LiJunnan1992 / DivideMix

Code for paper: DivideMix: Learning with Noisy Labels as Semi-supervised Learning
MIT License
543 stars 84 forks source link

Labeled data has a size of 0 after training a few epochs #49

Closed TqXue closed 1 year ago

TqXue commented 1 year ago

Hi, thanks for the nice implementation!

I am trying to run it on my own dataset, but the labeled data becomes empty after a few epochs, the error as follows:

labeled data has a size of 0 ValueError: num_samples should be a positive integer value, but got num_samples=0

What could i do to solve it? Thanks for your reply!

Hansong-Zhang commented 1 year ago

maybe ur threshold is too high? try to decrease the threshold in GMM model, in this way more instances that are likely to be clean will be reserved as labeled data.

TqXue commented 1 year ago

maybe ur threshold is too high? try to decrease the threshold in GMM model, in this way more instances that are likely to be clean will be reserved as labeled data.

Thanks for your advice! Did you mean the parameter 'tol' in gmm = GaussianMixture(n_components=2, max_iter=10, reg_covar=5e-4, tol=1e-3) ? thanks for your reply!

Hansong-Zhang commented 1 year ago

maybe ur threshold is too high? try to decrease the threshold in GMM model, in this way more instances that are likely to be clean will be reserved as labeled data.

Thanks for your advice! Did you mean the parameter 'tol' in gmm = GaussianMixture(n_components=2, max_iter=10, reg_covar=5e-4, tol=1e-3) ? thanks for your reply!

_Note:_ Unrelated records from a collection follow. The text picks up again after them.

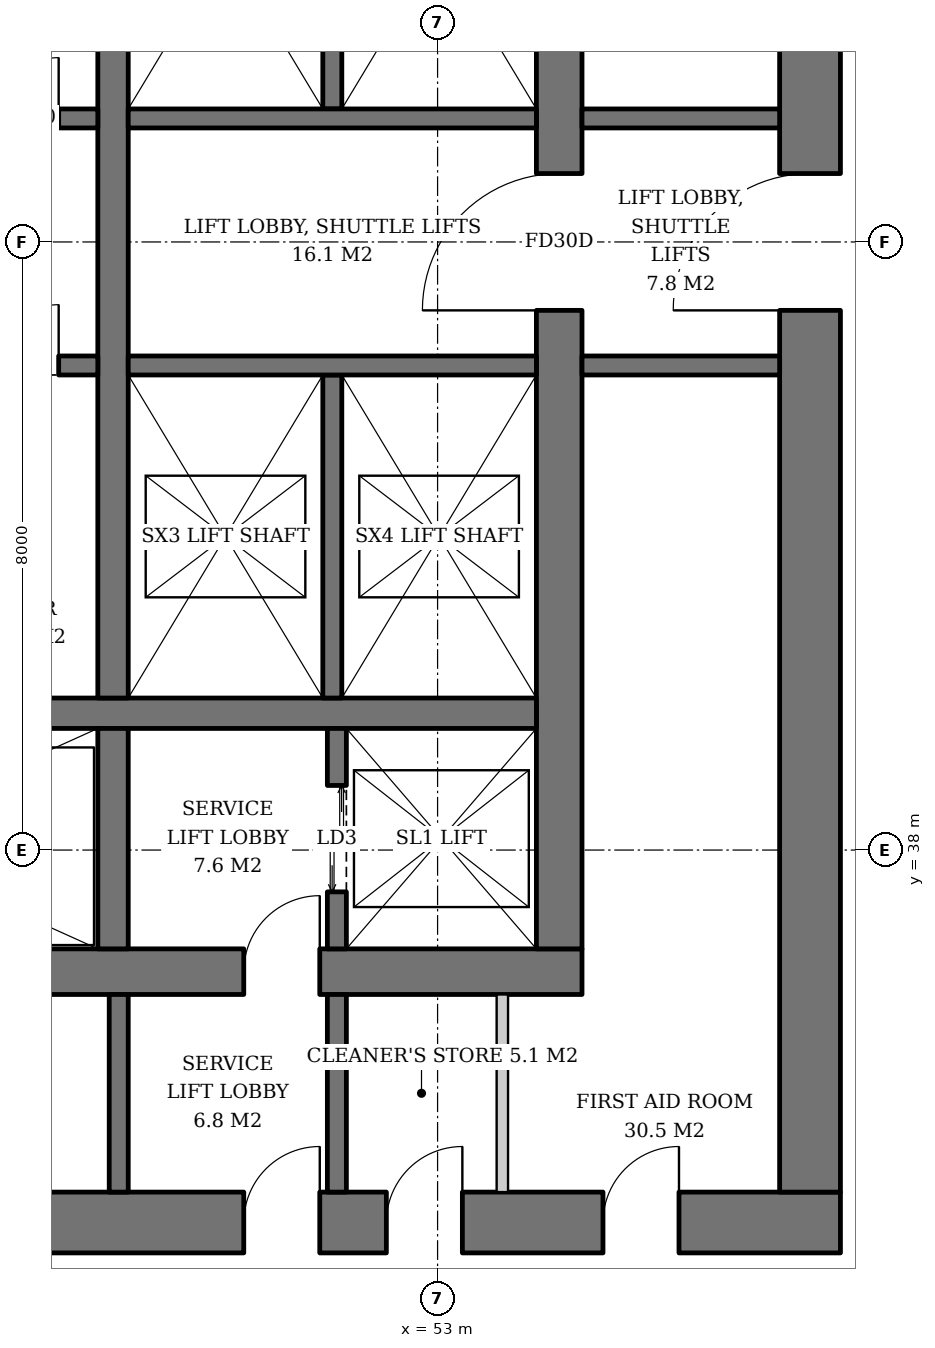
"""IFC4 building model, lengths in metres.
Left out: names, types, materials, properties, quantities, classifications, styles, units other than length and angle.
Written with IfcOpenShell. Run it as: python <this file> out.ifc"""

import sys

from ifc_helpers import new_model, si_unit, direction, frame, frame_2d, origin, place, context, subcontext, project, spatial, rectangle, extrude, element, fill, save


model = new_model("IFC4")
c1 = context("Model", 3, precision=1e-05, world=origin(), true_north=direction((0.0, 1.0)))
c2 = subcontext(c1, "Body", "Model", "MODEL_VIEW")
j1 = project(units=[si_unit("LENGTHUNIT", "METRE"), si_unit("PLANEANGLEUNIT", "RADIAN")], contexts=[c1])
p1 = place(None, origin())
s1 = spatial("IfcSite", under=j1, at=p1, CompositionType="ELEMENT")
p2 = place(p1, origin())
s2 = spatial("IfcBuilding", under=s1, at=p2, CompositionType="ELEMENT")
p3 = place(p2, frame((0.0, 0.0, 40.0)))
s3 = spatial("IfcBuildingStorey", under=s2, at=p3, CompositionType="ELEMENT", Elevation=40.0)
p4 = place(p3, frame((35.1, 36.4, 0.0), z_axis=(0.0, 0.0, 1.0), x_axis=(1.0, 0.0, 0.0)))
e1 = element("IfcWall", 1, at=p4, inside=s3, PredefinedType="SHEAR", context=c2, shape_type="SweptSolid", body=[
    extrude(rectangle(XDim=19.8, YDim=0.6, at=frame_2d((9.9, 0.0))), origin(), (0.0, 0.0, 1.0), 3.8),
])
p5 = place(p4, frame((3.9, 0.0, 0.0)))
e2 = element("IfcOpeningElement", 2, at=p5, cuts=e1, PredefinedType="OPENING", context=c2, shape_type="SweptSolid", body=[
    extrude(rectangle(XDim=1.0, YDim=2.1, at=frame_2d((0.5, 1.05))), frame((0.0, 0.31, 0.0), z_axis=(0.0, -1.0, 0.0), x_axis=(1.0, 0.0, 0.0)), (0.0, 0.0, 1.0), 0.62),
])
p6 = place(p4, frame((15.35, 0.0, 0.0)))
e3 = element("IfcOpeningElement", 3, at=p6, cuts=e1, PredefinedType="OPENING", context=c2, shape_type="SweptSolid", body=[
    extrude(rectangle(XDim=1.0, YDim=2.1, at=frame_2d((0.5, 1.05))), frame((0.0, 0.31, 0.0), z_axis=(0.0, -1.0, 0.0), x_axis=(1.0, 0.0, 0.0)), (0.0, 0.0, 1.0), 0.62),
])
p7 = place(p3, frame((54.6, 36.7, 0.0), z_axis=(0.0, 0.0, 1.0), x_axis=(0.0, 1.0, 0.0)))
e4 = element("IfcWall", 4, at=p7, inside=s3, PredefinedType="SHEAR", context=c2, shape_type="SweptSolid", body=[
    extrude(rectangle(XDim=18.6, YDim=0.6, at=frame_2d((9.3, 0.0))), origin(), (0.0, 0.0, 1.0), 3.8),
])
p8 = place(p7, frame((8.4, 0.0, 0.0)))
e5 = element("IfcOpeningElement", 5, at=p8, cuts=e4, PredefinedType="OPENING", context=c2, shape_type="SweptSolid", body=[
    extrude(rectangle(XDim=1.8, YDim=2.4, at=frame_2d((0.9, 1.2))), frame((0.0, 0.31, 0.0), z_axis=(0.0, -1.0, 0.0), x_axis=(1.0, 0.0, 0.0)), (0.0, 0.0, 1.0), 0.62),
])
p9 = place(p3, frame((31.7, 33.1, 0.0), z_axis=(0.0, 0.0, 1.0), x_axis=(1.0, 0.0, 0.0)))
e6 = element("IfcWall", 6, at=p9, inside=s3, PredefinedType="SHEAR", context=c2, shape_type="SweptSolid", body=[
    extrude(rectangle(XDim=26.6, YDim=0.8, at=frame_2d((13.3, 0.0))), origin(), (0.0, 0.0, 1.0), 3.8),
])
p10 = place(p9, frame((7.3, 0.0, 0.0)))
e7 = element("IfcOpeningElement", 7, at=p10, cuts=e6, PredefinedType="OPENING", context=c2, shape_type="SweptSolid", body=[
    extrude(rectangle(XDim=1.0, YDim=2.1, at=frame_2d((0.5, 1.05))), frame((0.0, 0.41, 0.0), z_axis=(0.0, -1.0, 0.0), x_axis=(1.0, 0.0, 0.0)), (0.0, 0.0, 1.0), 0.82),
])
p11 = place(p9, frame((18.75, 0.0, 0.0)))
e8 = element("IfcOpeningElement", 8, at=p11, cuts=e6, PredefinedType="OPENING", context=c2, shape_type="SweptSolid", body=[
    extrude(rectangle(XDim=1.0, YDim=2.1, at=frame_2d((0.5, 1.05))), frame((0.0, 0.41, 0.0), z_axis=(0.0, -1.0, 0.0), x_axis=(1.0, 0.0, 0.0)), (0.0, 0.0, 1.0), 0.82),
])
p12 = place(p9, frame((1.9, 0.0, 0.0)))
e9 = element("IfcOpeningElement", 9, at=p12, cuts=e6, PredefinedType="OPENING", context=c2, shape_type="SweptSolid", body=[
    extrude(rectangle(XDim=1.0, YDim=2.1, at=frame_2d((0.5, 1.05))), frame((0.0, 0.41, 0.0), z_axis=(0.0, -1.0, 0.0), x_axis=(1.0, 0.0, 0.0)), (0.0, 0.0, 1.0), 0.82),
])
p13 = place(p9, frame((4.725, 0.0, 0.0)))
e10 = element("IfcOpeningElement", 10, at=p13, cuts=e6, PredefinedType="OPENING", context=c2, shape_type="SweptSolid", body=[
    extrude(rectangle(XDim=1.0, YDim=2.1, at=frame_2d((0.5, 1.05))), frame((0.0, 0.41, 0.0), z_axis=(0.0, -1.0, 0.0), x_axis=(1.0, 0.0, 0.0)), (0.0, 0.0, 1.0), 0.82),
])
p14 = place(p9, frame((12.44, 0.0, 0.0)))
e11 = element("IfcOpeningElement", 11, at=p14, cuts=e6, PredefinedType="OPENING", context=c2, shape_type="SweptSolid", body=[
    extrude(rectangle(XDim=1.0, YDim=2.1, at=frame_2d((0.5, 1.05))), frame((0.0, 0.41, 0.0), z_axis=(0.0, -1.0, 0.0), x_axis=(1.0, 0.0, 0.0)), (0.0, 0.0, 1.0), 0.82),
])
p15 = place(p9, frame((20.626, 0.0, 0.0)))
e12 = element("IfcOpeningElement", 12, at=p15, cuts=e6, PredefinedType="OPENING", context=c2, shape_type="SweptSolid", body=[
    extrude(rectangle(XDim=1.0, YDim=2.1, at=frame_2d((0.5, 1.05))), frame((0.0, 0.41, 0.0), z_axis=(0.0, -1.0, 0.0), x_axis=(1.0, 0.0, 0.0)), (0.0, 0.0, 1.0), 0.82),
])
p16 = place(p9, frame((23.476, 0.0, 0.0)))
e13 = element("IfcOpeningElement", 13, at=p16, cuts=e6, PredefinedType="OPENING", context=c2, shape_type="SweptSolid", body=[
    extrude(rectangle(XDim=1.0, YDim=2.1, at=frame_2d((0.5, 1.05))), frame((0.0, 0.41, 0.0), z_axis=(0.0, -1.0, 0.0), x_axis=(1.0, 0.0, 0.0)), (0.0, 0.0, 1.0), 0.82),
])
p17 = place(p3, frame((57.9, 33.5, 0.0), z_axis=(0.0, 0.0, 1.0), x_axis=(0.0, 1.0, 0.0)))
e14 = element("IfcWall", 14, at=p17, inside=s3, PredefinedType="SHEAR", context=c2, shape_type="SweptSolid", body=[
    extrude(rectangle(XDim=25.0, YDim=0.8, at=frame_2d((12.5, 0.0))), origin(), (0.0, 0.0, 1.0), 3.8),
])
p18 = place(p17, frame((11.6, 0.0, 0.0)))
e15 = element("IfcOpeningElement", 15, at=p18, cuts=e14, PredefinedType="OPENING", context=c2, shape_type="SweptSolid", body=[
    extrude(rectangle(XDim=1.8, YDim=2.4, at=frame_2d((0.9, 1.2))), frame((0.0, 0.41, 0.0), z_axis=(0.0, -1.0, 0.0), x_axis=(1.0, 0.0, 0.0)), (0.0, 0.0, 1.0), 0.82),
])
p19 = place(p3, frame((35.7, 39.8, 0.0), z_axis=(0.0, 0.0, 1.0), x_axis=(1.0, 0.0, 0.0)))
e16 = element("IfcWall", 16, at=p19, inside=s3, PredefinedType="SHEAR", context=c2, shape_type="SweptSolid", body=[
    extrude(rectangle(XDim=18.6, YDim=0.4, at=frame_2d((9.3, 0.0))), origin(), (0.0, 0.0, 1.0), 3.8),
])
p20 = place(p3, frame((48.73, 36.7, 0.0), z_axis=(0.0, 0.0, 1.0), x_axis=(0.0, 1.0, 0.0)))
e17 = element("IfcWall", 17, at=p20, inside=s3, PredefinedType="SHEAR", context=c2, shape_type="SweptSolid", body=[
    extrude(rectangle(XDim=2.9, YDim=0.4, at=frame_2d((1.45, 0.0))), origin(), (0.0, 0.0, 1.0), 3.8),
])
p21 = place(p3, frame((48.73, 40.0, 0.0), z_axis=(0.0, 0.0, 1.0), x_axis=(0.0, 1.0, 0.0)))
e18 = element("IfcWall", 18, at=p21, inside=s3, PredefinedType="SHEAR", context=c2, shape_type="SweptSolid", body=[
    extrude(rectangle(XDim=12.0, YDim=0.4, at=frame_2d((6.0, 0.0))), origin(), (0.0, 0.0, 1.0), 3.8),
])
p22 = place(p3, frame((51.675, 36.7, 0.0), z_axis=(0.0, 0.0, 1.0), x_axis=(0.0, 1.0, 0.0)))
e19 = element("IfcWall", 19, at=p22, inside=s3, PredefinedType="SHEAR", context=c2, shape_type="SweptSolid", body=[
    extrude(rectangle(XDim=2.9, YDim=0.25, at=frame_2d((1.45, 0.0))), origin(), (0.0, 0.0, 1.0), 3.8),
])
p23 = place(p22, frame((0.75, 0.0, 0.0)))
e20 = element("IfcOpeningElement", 20, at=p23, cuts=e19, PredefinedType="OPENING", context=c2, shape_type="SweptSolid", body=[
    extrude(rectangle(XDim=1.4, YDim=2.4, at=frame_2d((0.7, 1.2))), frame((0.0, 0.135, 0.0), z_axis=(0.0, -1.0, 0.0), x_axis=(1.0, 0.0, 0.0)), (0.0, 0.0, 1.0), 0.27),
])
p24 = place(p3, frame((35.7, 47.625, 0.0), z_axis=(0.0, 0.0, 1.0), x_axis=(1.0, 0.0, 0.0)))
e21 = element("IfcWall", 21, at=p24, inside=s3, PredefinedType="SHEAR", context=c2, shape_type="SweptSolid", body=[
    extrude(rectangle(XDim=12.83, YDim=0.25, at=frame_2d((6.415, 0.0))), origin(), (0.0, 0.0, 1.0), 3.8),
])
p25 = place(p24, frame((0.7, 0.0, 0.0)))
e22 = element("IfcOpeningElement", 22, at=p25, cuts=e21, PredefinedType="OPENING", context=c2, shape_type="SweptSolid", body=[
    extrude(rectangle(XDim=1.1, YDim=2.2, at=frame_2d((0.55, 1.1))), frame((0.0, 0.135, 0.0), z_axis=(0.0, -1.0, 0.0), x_axis=(1.0, 0.0, 0.0)), (0.0, 0.0, 1.0), 0.27),
])
p26 = place(p24, frame((3.45, 0.0, 0.0)))
e23 = element("IfcOpeningElement", 23, at=p26, cuts=e21, PredefinedType="OPENING", context=c2, shape_type="SweptSolid", body=[
    extrude(rectangle(XDim=1.1, YDim=2.2, at=frame_2d((0.55, 1.1))), frame((0.0, 0.135, 0.0), z_axis=(0.0, -1.0, 0.0), x_axis=(1.0, 0.0, 0.0)), (0.0, 0.0, 1.0), 0.27),
])
p27 = place(p24, frame((6.2, 0.0, 0.0)))
e24 = element("IfcOpeningElement", 24, at=p27, cuts=e21, PredefinedType="OPENING", context=c2, shape_type="SweptSolid", body=[
    extrude(rectangle(XDim=1.1, YDim=2.2, at=frame_2d((0.55, 1.1))), frame((0.0, 0.135, 0.0), z_axis=(0.0, -1.0, 0.0), x_axis=(1.0, 0.0, 0.0)), (0.0, 0.0, 1.0), 0.27),
])
p28 = place(p24, frame((8.95, 0.0, 0.0)))
e25 = element("IfcOpeningElement", 25, at=p28, cuts=e21, PredefinedType="OPENING", context=c2, shape_type="SweptSolid", body=[
    extrude(rectangle(XDim=1.1, YDim=2.2, at=frame_2d((0.55, 1.1))), frame((0.0, 0.135, 0.0), z_axis=(0.0, -1.0, 0.0), x_axis=(1.0, 0.0, 0.0)), (0.0, 0.0, 1.0), 0.27),
])
p29 = place(p24, frame((11.515, 0.0, 0.0)))
e26 = element("IfcOpeningElement", 26, at=p29, cuts=e21, PredefinedType="OPENING", context=c2, shape_type="SweptSolid", body=[
    extrude(rectangle(XDim=0.8, YDim=2.0, at=frame_2d((0.4, 1.0))), frame((0.0, 0.135, 0.0), z_axis=(0.0, -1.0, 0.0), x_axis=(1.0, 0.0, 0.0)), (0.0, 0.0, 1.0), 0.27),
])
p30 = place(p3, frame((35.7, 44.375, 0.0), z_axis=(0.0, 0.0, 1.0), x_axis=(1.0, 0.0, 0.0)))
e27 = element("IfcWall", 27, at=p30, inside=s3, PredefinedType="SHEAR", context=c2, shape_type="SweptSolid", body=[
    extrude(rectangle(XDim=12.83, YDim=0.25, at=frame_2d((6.415, 0.0))), origin(), (0.0, 0.0, 1.0), 3.8),
])
p31 = place(p30, frame((0.7, 0.0, 0.0)))
e28 = element("IfcOpeningElement", 28, at=p31, cuts=e27, PredefinedType="OPENING", context=c2, shape_type="SweptSolid", body=[
    extrude(rectangle(XDim=1.1, YDim=2.2, at=frame_2d((0.55, 1.1))), frame((0.0, 0.135, 0.0), z_axis=(0.0, -1.0, 0.0), x_axis=(1.0, 0.0, 0.0)), (0.0, 0.0, 1.0), 0.27),
])
p32 = place(p30, frame((3.45, 0.0, 0.0)))
e29 = element("IfcOpeningElement", 29, at=p32, cuts=e27, PredefinedType="OPENING", context=c2, shape_type="SweptSolid", body=[
    extrude(rectangle(XDim=1.1, YDim=2.2, at=frame_2d((0.55, 1.1))), frame((0.0, 0.135, 0.0), z_axis=(0.0, -1.0, 0.0), x_axis=(1.0, 0.0, 0.0)), (0.0, 0.0, 1.0), 0.27),
])
p33 = place(p30, frame((6.2, 0.0, 0.0)))
e30 = element("IfcOpeningElement", 30, at=p33, cuts=e27, PredefinedType="OPENING", context=c2, shape_type="SweptSolid", body=[
    extrude(rectangle(XDim=1.1, YDim=2.2, at=frame_2d((0.55, 1.1))), frame((0.0, 0.135, 0.0), z_axis=(0.0, -1.0, 0.0), x_axis=(1.0, 0.0, 0.0)), (0.0, 0.0, 1.0), 0.27),
])
p34 = place(p30, frame((8.95, 0.0, 0.0)))
e31 = element("IfcOpeningElement", 31, at=p34, cuts=e27, PredefinedType="OPENING", context=c2, shape_type="SweptSolid", body=[
    extrude(rectangle(XDim=1.1, YDim=2.2, at=frame_2d((0.55, 1.1))), frame((0.0, 0.135, 0.0), z_axis=(0.0, -1.0, 0.0), x_axis=(1.0, 0.0, 0.0)), (0.0, 0.0, 1.0), 0.27),
])
p35 = place(p30, frame((11.515, 0.0, 0.0)))
e32 = element("IfcOpeningElement", 32, at=p35, cuts=e27, PredefinedType="OPENING", context=c2, shape_type="SweptSolid", body=[
    extrude(rectangle(XDim=0.8, YDim=2.0, at=frame_2d((0.4, 1.0))), frame((0.0, 0.135, 0.0), z_axis=(0.0, -1.0, 0.0), x_axis=(1.0, 0.0, 0.0)), (0.0, 0.0, 1.0), 0.27),
])
p36 = place(p3, frame((51.615, 47.75, 0.0), z_axis=(0.0, 0.0, 1.0), x_axis=(0.0, 1.0, 0.0)))
e33 = element("IfcWall", 33, at=p36, inside=s3, PredefinedType="SHEAR", context=c2, shape_type="SweptSolid", body=[
    extrude(rectangle(XDim=4.25, YDim=0.25, at=frame_2d((2.125, 0.0))), origin(), (0.0, 0.0, 1.0), 3.8),
])
p37 = place(p3, frame((48.93, 47.625, 0.0), z_axis=(0.0, 0.0, 1.0), x_axis=(1.0, 0.0, 0.0)))
e34 = element("IfcWall", 34, at=p37, inside=s3, PredefinedType="SHEAR", context=c2, shape_type="SweptSolid", body=[
    extrude(rectangle(XDim=5.37, YDim=0.25, at=frame_2d((2.685, 0.0))), origin(), (0.0, 0.0, 1.0), 3.8),
])
p38 = place(p3, frame((51.615, 44.25, 0.0), z_axis=(0.0, 0.0, 1.0), x_axis=(0.0, -1.0, 0.0)))
e35 = element("IfcWall", 35, at=p38, inside=s3, PredefinedType="SHEAR", context=c2, shape_type="SweptSolid", body=[
    extrude(rectangle(XDim=4.25, YDim=0.25, at=frame_2d((2.125, 0.0))), origin(), (0.0, 0.0, 1.0), 3.8),
])
p39 = place(p3, frame((48.93, 44.375, 0.0), z_axis=(0.0, 0.0, 1.0), x_axis=(1.0, 0.0, 0.0)))
e36 = element("IfcWall", 36, at=p39, inside=s3, PredefinedType="SHEAR", context=c2, shape_type="SweptSolid", body=[
    extrude(rectangle(XDim=5.37, YDim=0.25, at=frame_2d((2.685, 0.0))), origin(), (0.0, 0.0, 1.0), 3.8),
])
for number, where, z_axis, x_axis in (
    (37, (54.9, 44.375, 0.0), (0.0, 0.0, 1.0), (1.0, 0.0, 0.0)),
    (38, (54.9, 47.625, 0.0), (0.0, 0.0, 1.0), (1.0, 0.0, 0.0)),
    (39, (48.805, 33.5, 0.0), (0.0, 0.0, 1.0), (0.0, 1.0, 0.0)),
    (40, (51.675, 33.5, 0.0), (0.0, 0.0, 1.0), (0.0, 1.0, 0.0)),
):
    element("IfcWall", number, at=place(p3, frame(where, z_axis=z_axis, x_axis=x_axis)), inside=s3, PredefinedType="SOLIDWALL", context=c2, shape_type="SweptSolid", body=[
        extrude(rectangle(XDim=2.6, YDim=0.25, at=frame_2d((1.3, 0.0))), origin(), (0.0, 0.0, 1.0), 3.62),
    ])
p40 = place(p3, frame((53.852, 33.5, 0.0), z_axis=(0.0, 0.0, 1.0), x_axis=(0.0, 1.0, 0.0)))
e41 = element("IfcWall", 41, at=p40, inside=s3, PredefinedType="SOLIDWALL", context=c2, shape_type="SweptSolid", body=[
    extrude(rectangle(XDim=2.6, YDim=0.15, at=frame_2d((1.3, 0.0))), origin(), (0.0, 0.0, 1.0), 3.62),
])
p41 = place(p23, origin())
e42 = element("IfcDoor", 42, at=p41, inside=s3, OperationType="DOUBLE_DOOR_SLIDING", PredefinedType="DOOR", context=c2, shape_type="SweptSolid", body=[
    extrude(rectangle(XDim=1.4, YDim=2.4, at=frame_2d((0.7, 1.2))), frame((0.0, 0.025, 0.0), z_axis=(0.0, -1.0, 0.0), x_axis=(1.0, 0.0, 0.0)), (0.0, 0.0, 1.0), 0.05),
])
fill(e20, e42)
p42 = place(p29, origin())
e43 = element("IfcDoor", 43, at=p42, inside=s3, OperationType="SINGLE_SWING_RIGHT", PredefinedType="DOOR", context=c2, shape_type="SweptSolid", body=[
    extrude(rectangle(XDim=0.8, YDim=2.0, at=frame_2d((0.4, 1.0))), frame((0.0, 0.025, 0.0), z_axis=(0.0, -1.0, 0.0), x_axis=(1.0, 0.0, 0.0)), (0.0, 0.0, 1.0), 0.05),
])
fill(e26, e43)
p43 = place(p35, origin())
e44 = element("IfcDoor", 44, at=p43, inside=s3, OperationType="SINGLE_SWING_RIGHT", PredefinedType="DOOR", context=c2, shape_type="SweptSolid", body=[
    extrude(rectangle(XDim=0.8, YDim=2.0, at=frame_2d((0.4, 1.0))), frame((0.0, 0.025, 0.0), z_axis=(0.0, -1.0, 0.0), x_axis=(1.0, 0.0, 0.0)), (0.0, 0.0, 1.0), 0.05),
])
fill(e32, e44)
p44 = place(p8, origin())
e45 = element("IfcDoor", 45, at=p44, inside=s3, OperationType="DOUBLE_DOOR_SINGLE_SWING", PredefinedType="DOOR", context=c2, shape_type="SweptSolid", body=[
    extrude(rectangle(XDim=1.8, YDim=2.4, at=frame_2d((0.9, 1.2))), frame((0.0, 0.025, 0.0), z_axis=(0.0, -1.0, 0.0), x_axis=(1.0, 0.0, 0.0)), (0.0, 0.0, 1.0), 0.05),
])
fill(e5, e45)
p45 = place(p6, origin())
e46 = element("IfcDoor", 46, at=p45, inside=s3, OperationType="SINGLE_SWING_RIGHT", PredefinedType="DOOR", context=c2, shape_type="SweptSolid", body=[
    extrude(rectangle(XDim=1.0, YDim=2.1, at=frame_2d((0.5, 1.05))), frame((0.0, 0.025, 0.0), z_axis=(0.0, -1.0, 0.0), x_axis=(1.0, 0.0, 0.0)), (0.0, 0.0, 1.0), 0.05),
])
fill(e3, e46)
p46 = place(p18, origin())
e47 = element("IfcDoor", 47, at=p46, inside=s3, OperationType="DOUBLE_DOOR_SINGLE_SWING", PredefinedType="DOOR", context=c2, shape_type="SweptSolid", body=[
    extrude(rectangle(XDim=1.8, YDim=2.4, at=frame_2d((0.9, 1.2))), frame((0.0, 0.025, 0.0), z_axis=(0.0, -1.0, 0.0), x_axis=(1.0, 0.0, 0.0)), (0.0, 0.0, 1.0), 0.05),
])
fill(e15, e47)
p47 = place(p11, origin())
e48 = element("IfcDoor", 48, at=p47, inside=s3, OperationType="SINGLE_SWING_RIGHT", PredefinedType="DOOR", context=c2, shape_type="SweptSolid", body=[
    extrude(rectangle(XDim=1.0, YDim=2.1, at=frame_2d((0.5, 1.05))), frame((0.0, 0.025, 0.0), z_axis=(0.0, -1.0, 0.0), x_axis=(1.0, 0.0, 0.0)), (0.0, 0.0, 1.0), 0.05),
])
fill(e8, e48)
p48 = place(p15, origin())
e49 = element("IfcDoor", 49, at=p48, inside=s3, OperationType="SINGLE_SWING_RIGHT", PredefinedType="DOOR", context=c2, shape_type="SweptSolid", body=[
    extrude(rectangle(XDim=1.0, YDim=2.1, at=frame_2d((0.5, 1.05))), frame((0.0, 0.39, 0.0), z_axis=(0.0, -1.0, 0.0), x_axis=(1.0, 0.0, 0.0)), (0.0, 0.0, 1.0), 0.05),
])
fill(e12, e49)
p49 = place(p16, origin())
e50 = element("IfcDoor", 50, at=p49, inside=s3, OperationType="SINGLE_SWING_RIGHT", PredefinedType="DOOR", context=c2, shape_type="SweptSolid", body=[
    extrude(rectangle(XDim=1.0, YDim=2.1, at=frame_2d((0.5, 1.05))), frame((0.0, 0.39, 0.0), z_axis=(0.0, -1.0, 0.0), x_axis=(1.0, 0.0, 0.0)), (0.0, 0.0, 1.0), 0.05),
])
fill(e13, e50)
save(model, sys.argv[1])

I'm afraid NOT, I mean the pthreshold in arguments. In the original paper, the threshold is set to be 0.5. The larger the threshold is, the less instances will be deemed as labeled data. Therefore, U should decrease it in order to avoid the size of labeled data becoming 0. I hope this works for you. ^^

TqXue commented 1 year ago

I'm afraid NOT, I mean the pthreshold in arguments. In the original paper, the threshold is set to be 0.5. The larger the threshold is, the less instances will be deemed as labeled data. Therefore, U should decrease it in order to avoid the size of labeled data becoming 0. I hope this works for you. ^^

Thank you for your enthusiastic help! It works!